X
На следующее утро, когда Лузгина, в нарядном шелковом голубом платье, с взбитыми начесами светло-русых волос, свежая, румяная, пышная и благоухающая, с браслетами и кольцами на белых пухлых руках, торопливо пила кофе, боясь опоздать на пароход, Федос приблизился к ней и сказал:
- Дозвольте, барыня, отлучиться со двора сегодня.
Молодая женщина подняла на матроса глаза и недовольно спросила:
- А тебе зачем идти со двора?
В первое мгновение Федос не знал, что и ответить на такой "вовсе глупый", по его мнению, вопрос.
- К знакомым, значит, сходить, - отвечал он после паузы.
- А какие у тебя знакомые?
- Известно, матросского звания...
- Можешь идти, - проговорила после минутного раздумья барыня. - Только помни, что я тебе говорила... Не вернись от своих знакомых пьяным! - строго прибавила она.
- Зачем пьяным? Я в своем виде вернусь, барыня!
- Без своих дурацких объяснений! К семи часам быть дома! - резко заметила молодая женщина.
- Слушаю-с, барыня! - с официальной почтительностью ответил Федос.
Шурка удивленно посмотрел на мать.
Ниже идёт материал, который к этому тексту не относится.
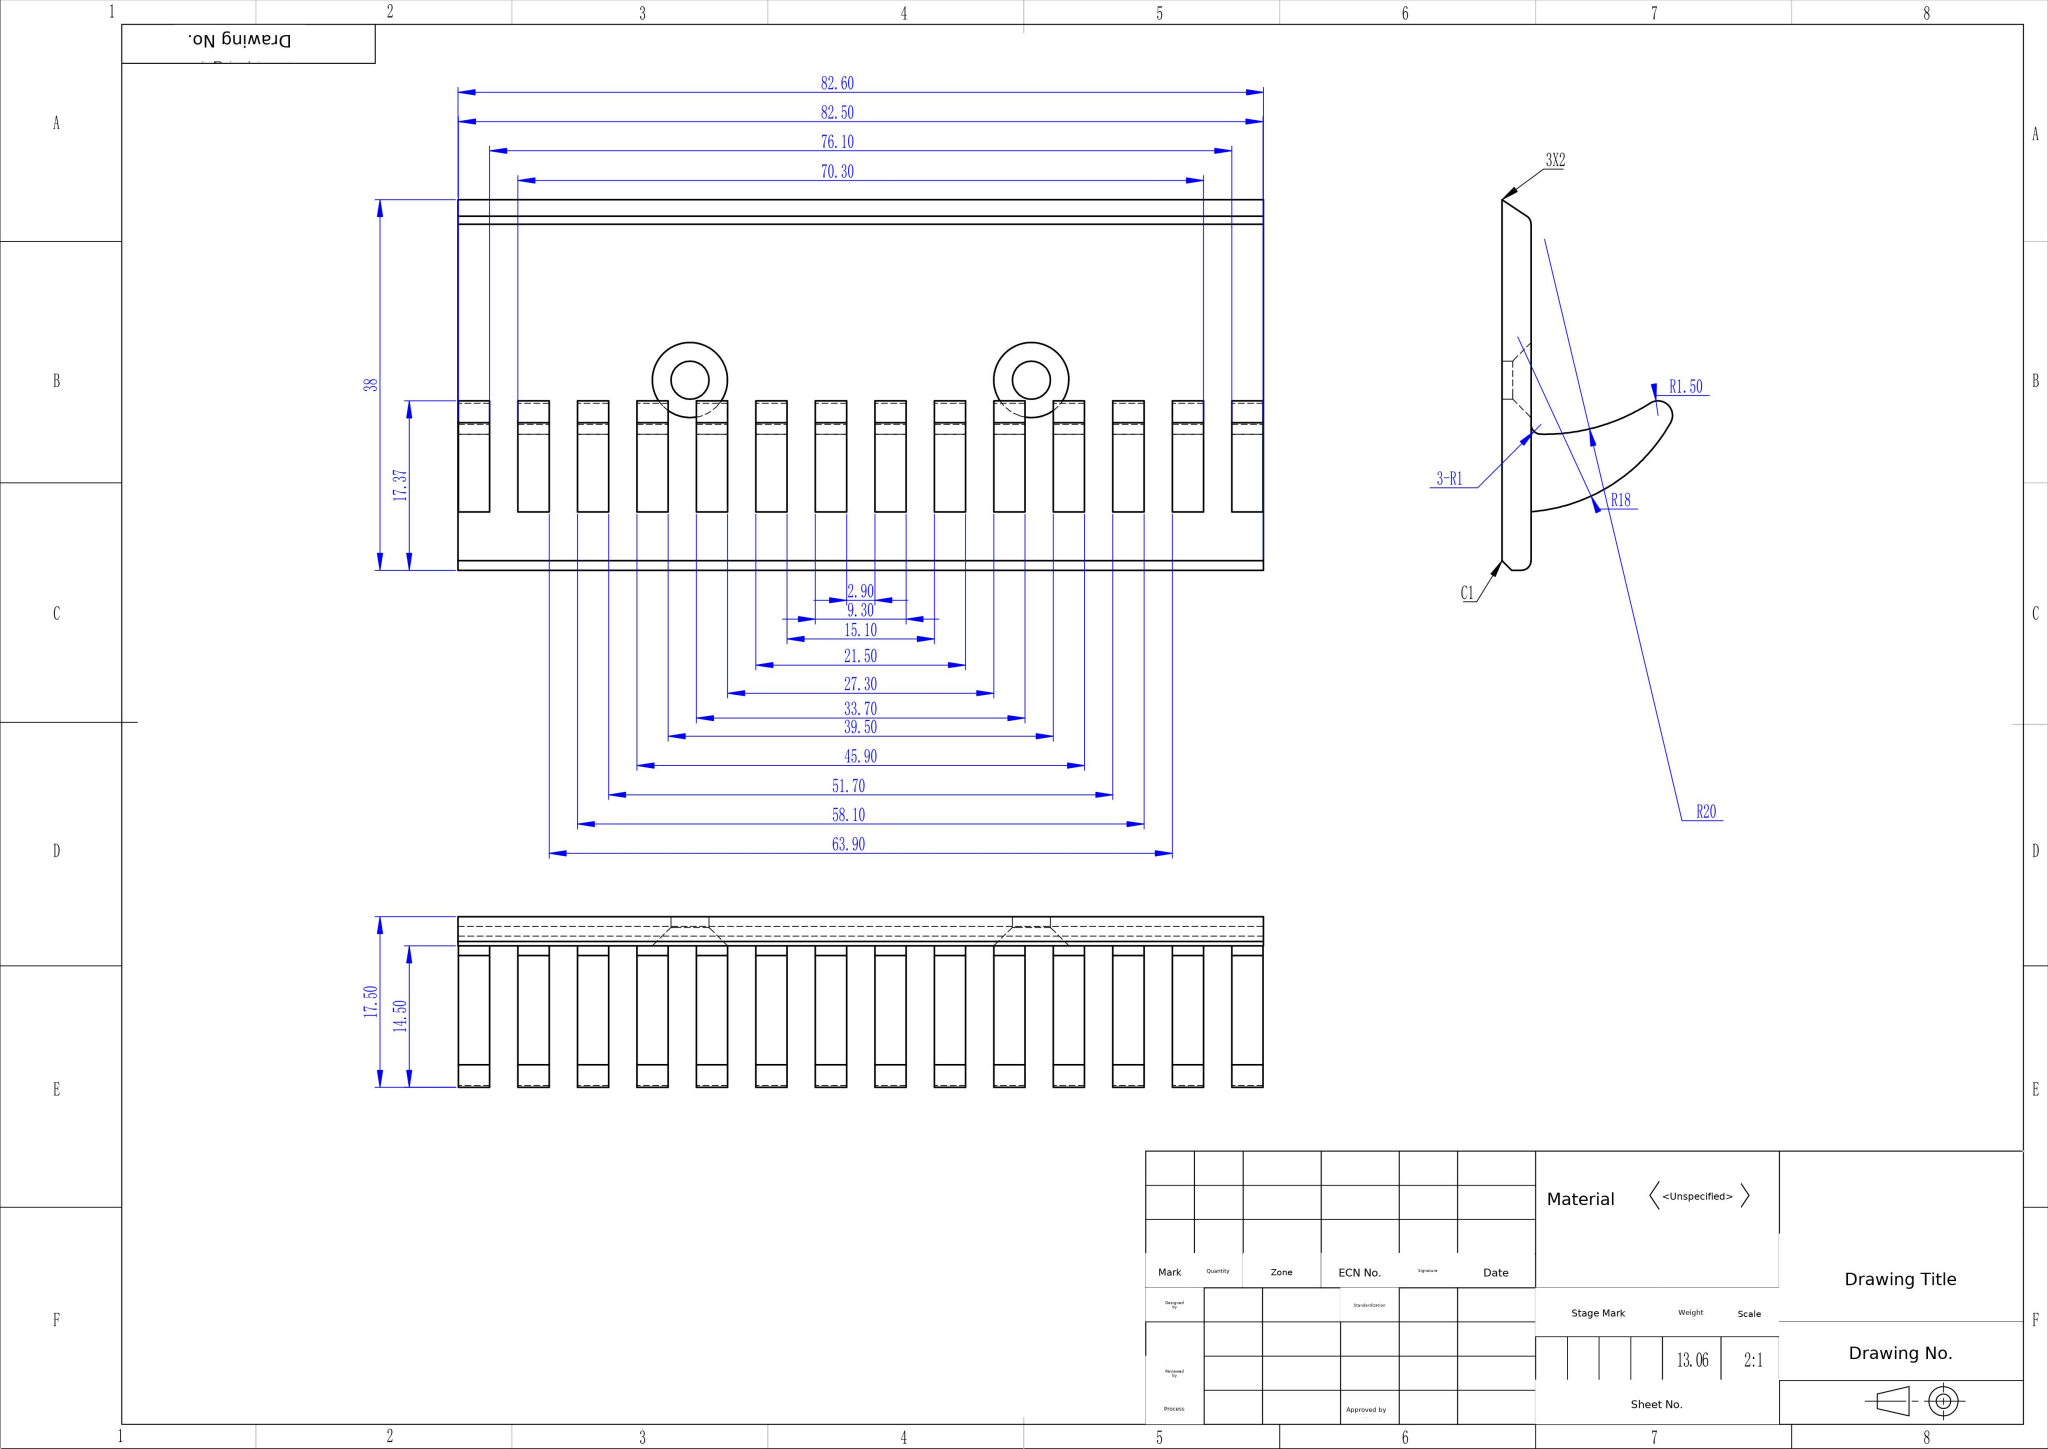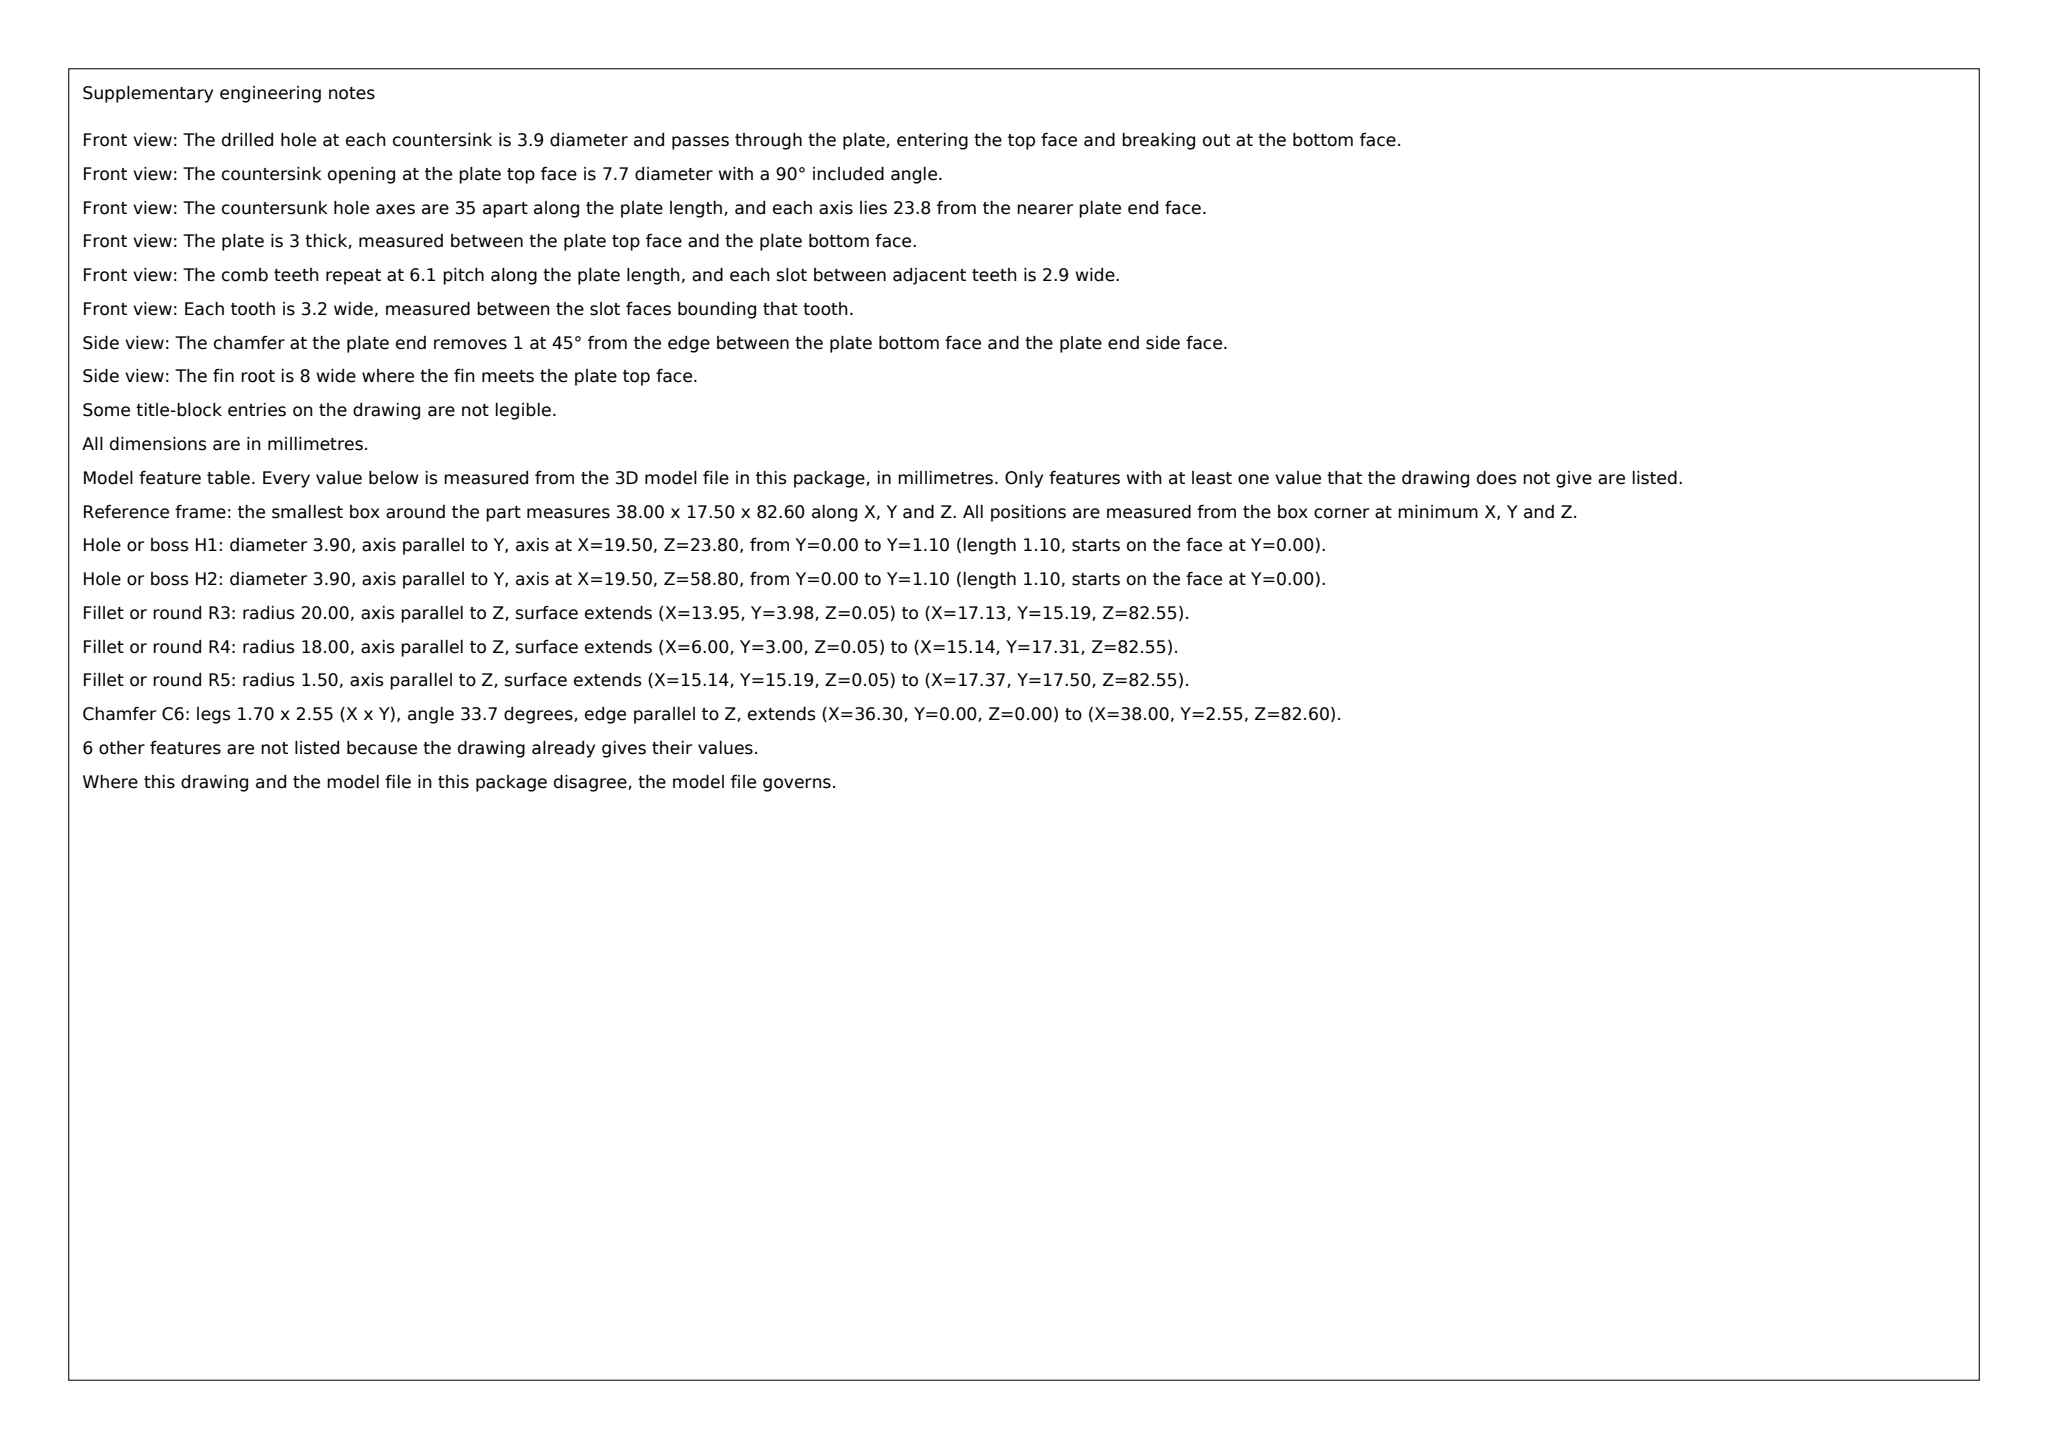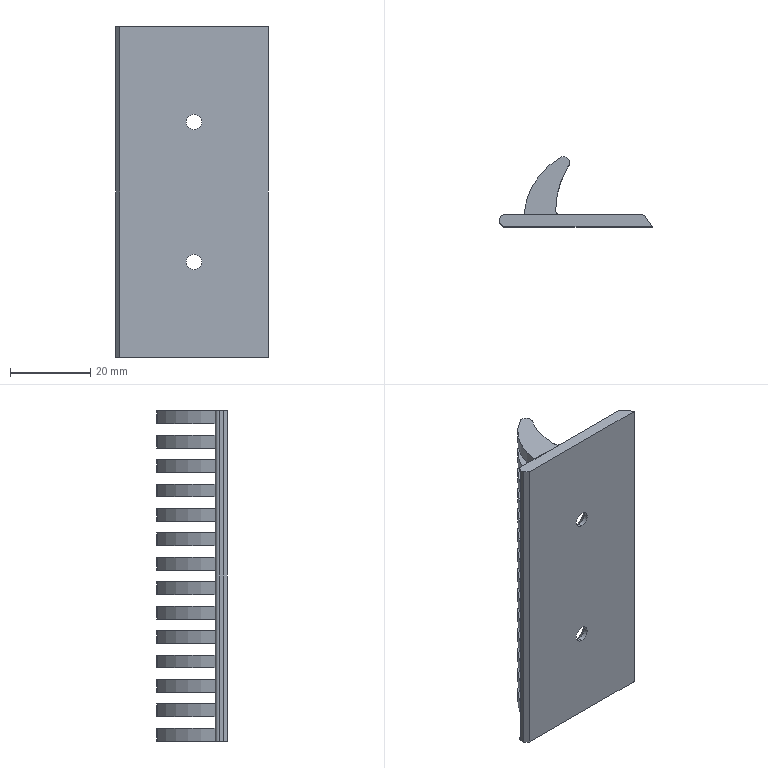Part | SolidWorks | mm | 1 solid | 115 faces | box 38 x 17.5 x 82.6 mm | volume 13060 mm3 | cylinder 76 | plane 35 | cone 4 | commonest cylinder face diameters 40 x28 2 x16 3 x14 36 x14 3.9 x4
Drawing notes:
SIDE VIEW: R18 CTR 23.95 FROM BOT EDGE, 1.61 FROM BACK FACE | from the solid: cyl dia 36.0 axis z at (x=23.95, y=1.61), len 3.2 x14
SIDE VIEW: R20 CTR 33.95 FROM BOT EDGE, 4.37 FROM BACK FACE | from the solid: cyl dia 40.0 axis z at (x=33.95, y=4.37), len 3.2 x28
R1.50 TIP CTR 15.87 FROM BOT EDGE, 16.00 FROM BACK FACE | from the solid: cyl dia 3.0 axis z at (x=15.87, y=16.0), len 3.2 x14; tangent to bbox y=17.5 and x=17.37
3-R1 CTRS 1.00, 14.96 & 35.46 FROM BOT EDGE, TANG 3.00 FACE | from the solid: cyl dia 2.0 at (1.00,2.00) L82.6, (35.46,2.00) L82.6, (14.96,4.00) L3.2 x14
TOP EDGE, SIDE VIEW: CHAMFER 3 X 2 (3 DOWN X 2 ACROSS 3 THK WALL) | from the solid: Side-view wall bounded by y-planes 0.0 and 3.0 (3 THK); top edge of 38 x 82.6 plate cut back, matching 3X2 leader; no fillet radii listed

Он решительно недоумевал, за что мама сердится и вообще не любит такого прелестного человека, как Чижик, и, напротив, никогда не бранит противного Ивана. Иван и Шурке не нравился, несмотря на его льстивое и заискивающее обращение с молодым барчуком.
Проводив господ и обменявшись с Шуркой прощальными приветствиями, Федос достал из глубины своего сундучка тряпицу, в которой хранился его капитал - несколько рублей, скопленных им за шитье сапог. Чижик недурно шил сапоги и умел даже шить с фасоном, вследствие чего, случалось, получал заказы от писарей, подшкиперов и баталеров.
Осмотрев свои капиталы, Федос вынул из тряпки одну засаленную рублевую бумажку, спрятал ее в карман штанов, рассчитывая из этих денег купить себе восьмушку чаю, фунт сахару и запас махорки, а остальные деньги, бережно уложив в тряпочку, снова запрятал в уголок сундука и запер сундук на ключ.
Поправив огонек в лампадке перед образком у изголовья, Федос расчесал свои черные как смоль баки и усы, обулся в новые сапоги и, облачившись в форменную матросскую серую шинель с ярко горевшими медными пуговицами и надевши чуть-чуть набок фуражку, веселый и довольный вышел из кухни.
- Обедать нешто дома не будете? - кинул ему вдогонку Иван.
- То-то не буду!..
"Экая необразованная матросня! Как есть чучила", - мысленно напутствовал Федоса Иван.
оттопырил толстые свои губы, покачал кудластой головой с рыжими волосами, обильно умащенными коровьим маслом, и в маленьких его глазках сверкнул огонек.